Description
These Mini Christmas Cheesecakes are the perfect bite-sized treats for your holiday gatherings, combining creamy cheesecake with a festive twist. Easy to make and beautifully decorated, they are sure to delight your guests!
Ingredients
Scale
- 16 ounces full-fat cream cheese, at room temperature
- ⅔ cup granulated sugar
- 2 large eggs, at room temperature
- 1 teaspoon vanilla extract
- 1 ½ cups finely crushed graham cracker crumbs (or crushed ginger snap cookies or shortbread biscuits)
- ¼ cup unsalted butter, melted
- Pinch of ground cinnamon (optional)
- Pinch of ground nutmeg (optional)
- Zest of orange or lemon (optional)
- 1 teaspoon non-alcoholic rum extract (optional)
- Red or green food coloring (optional)
- Whipped cream (for topping)
- Fresh cranberries (for topping)
- Crushed candy canes (for topping)
- Melted white or dark chocolate (for topping)
- Cranberry sauce (for topping)
Instructions
- Preheat your oven to 325°F (160°C). Line a 12-cup muffin tin with paper liners.
- In a medium bowl, combine 1 ½ cups of finely crushed graham cracker crumbs with ¼ cup of melted unsalted butter. Mix thoroughly until the crumbs are evenly moistened. Spoon about 1 ½ tablespoons of the crumb mixture into the bottom of each lined muffin cup and press down firmly.
- In a large bowl, using an electric mixer, beat two 8-ounce packages of room temperature full-fat cream cheese on medium speed until smooth and creamy, about 2-3 minutes.
- Gradually add ⅔ cup of granulated sugar to the cream cheese, beating on low speed until just combined and smooth. Then, beat in 1 teaspoon of vanilla extract.
- Add 2 large room temperature eggs, one at a time, beating on low speed after each addition just until combined. Scrape down the sides of the bowl as needed.
- Divide the cheesecake batter evenly among the prepared muffin cups, filling each about ¾ full.
- Carefully transfer the muffin tin to your preheated oven. Bake for 18-22 minutes, or until the edges are set but the centers still have a slight jiggle.
- Once baked, remove the muffin tin from the oven and let the mini cheesecakes cool completely in the pan on a wire rack. Once they've reached room temperature, transfer the whole pan to the refrigerator and chill for at least 4 hours, or ideally, overnight.

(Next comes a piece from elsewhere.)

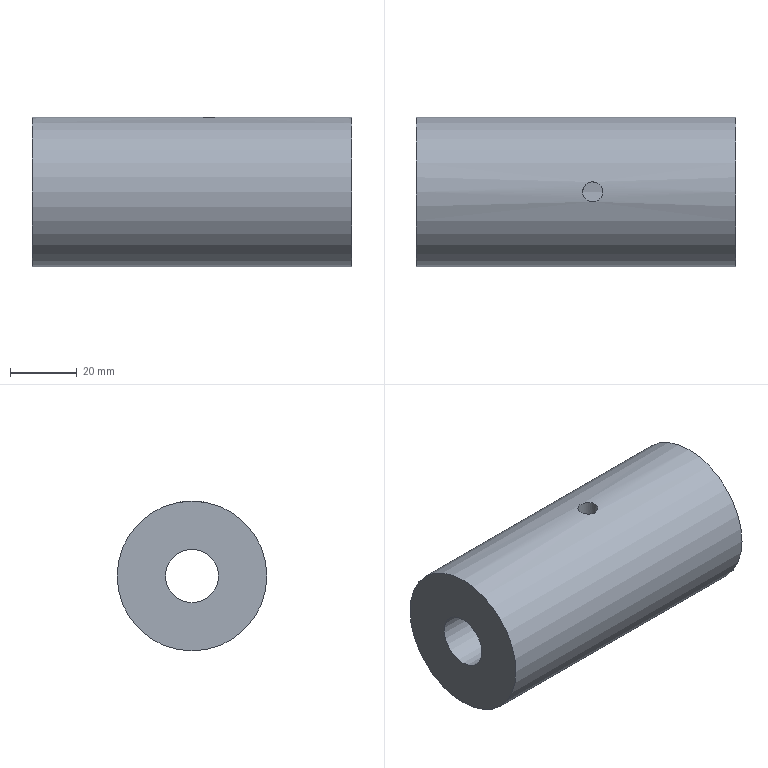Component | NX | FIXED_SLEEVE | 1 solid | 7 faces | volume 84940 mm3 | cylinder 4 | plane 3 | commonest cylinder face diameters 45 x1 32 x1 16 x1 6 x1

- Once thoroughly chilled, gently lift the cheesecakes out of the muffin tin by their liners. Top each cheesecake with a dollop of whipped cream, a few fresh cranberries, a sprinkle of crushed candy canes, or any other festive toppings.
- Prep Time: 20 mins
- Cook Time: 22 mins
- Category: Dessert
- Method: Baking
- Cuisine: American
Nutrition
- Serving Size: 1 cheesecake
- Calories: 250
- Sugar: 18 g
- Sodium: 200 mg
- Fat: 18 g
- Saturated Fat: 10 g
- Unsaturated Fat: 6 g
- Trans Fat: 0 g
- Carbohydrates: 20 g
- Fiber: 1 g
- Protein: 4 g
- Cholesterol: 70 mg
Keywords: Ensure your cream cheese and eggs are at room temperature for a smooth batter. Don't overmix after adding the eggs to prevent cracks. Chill the cheesecakes for at least 4 hours for the best texture.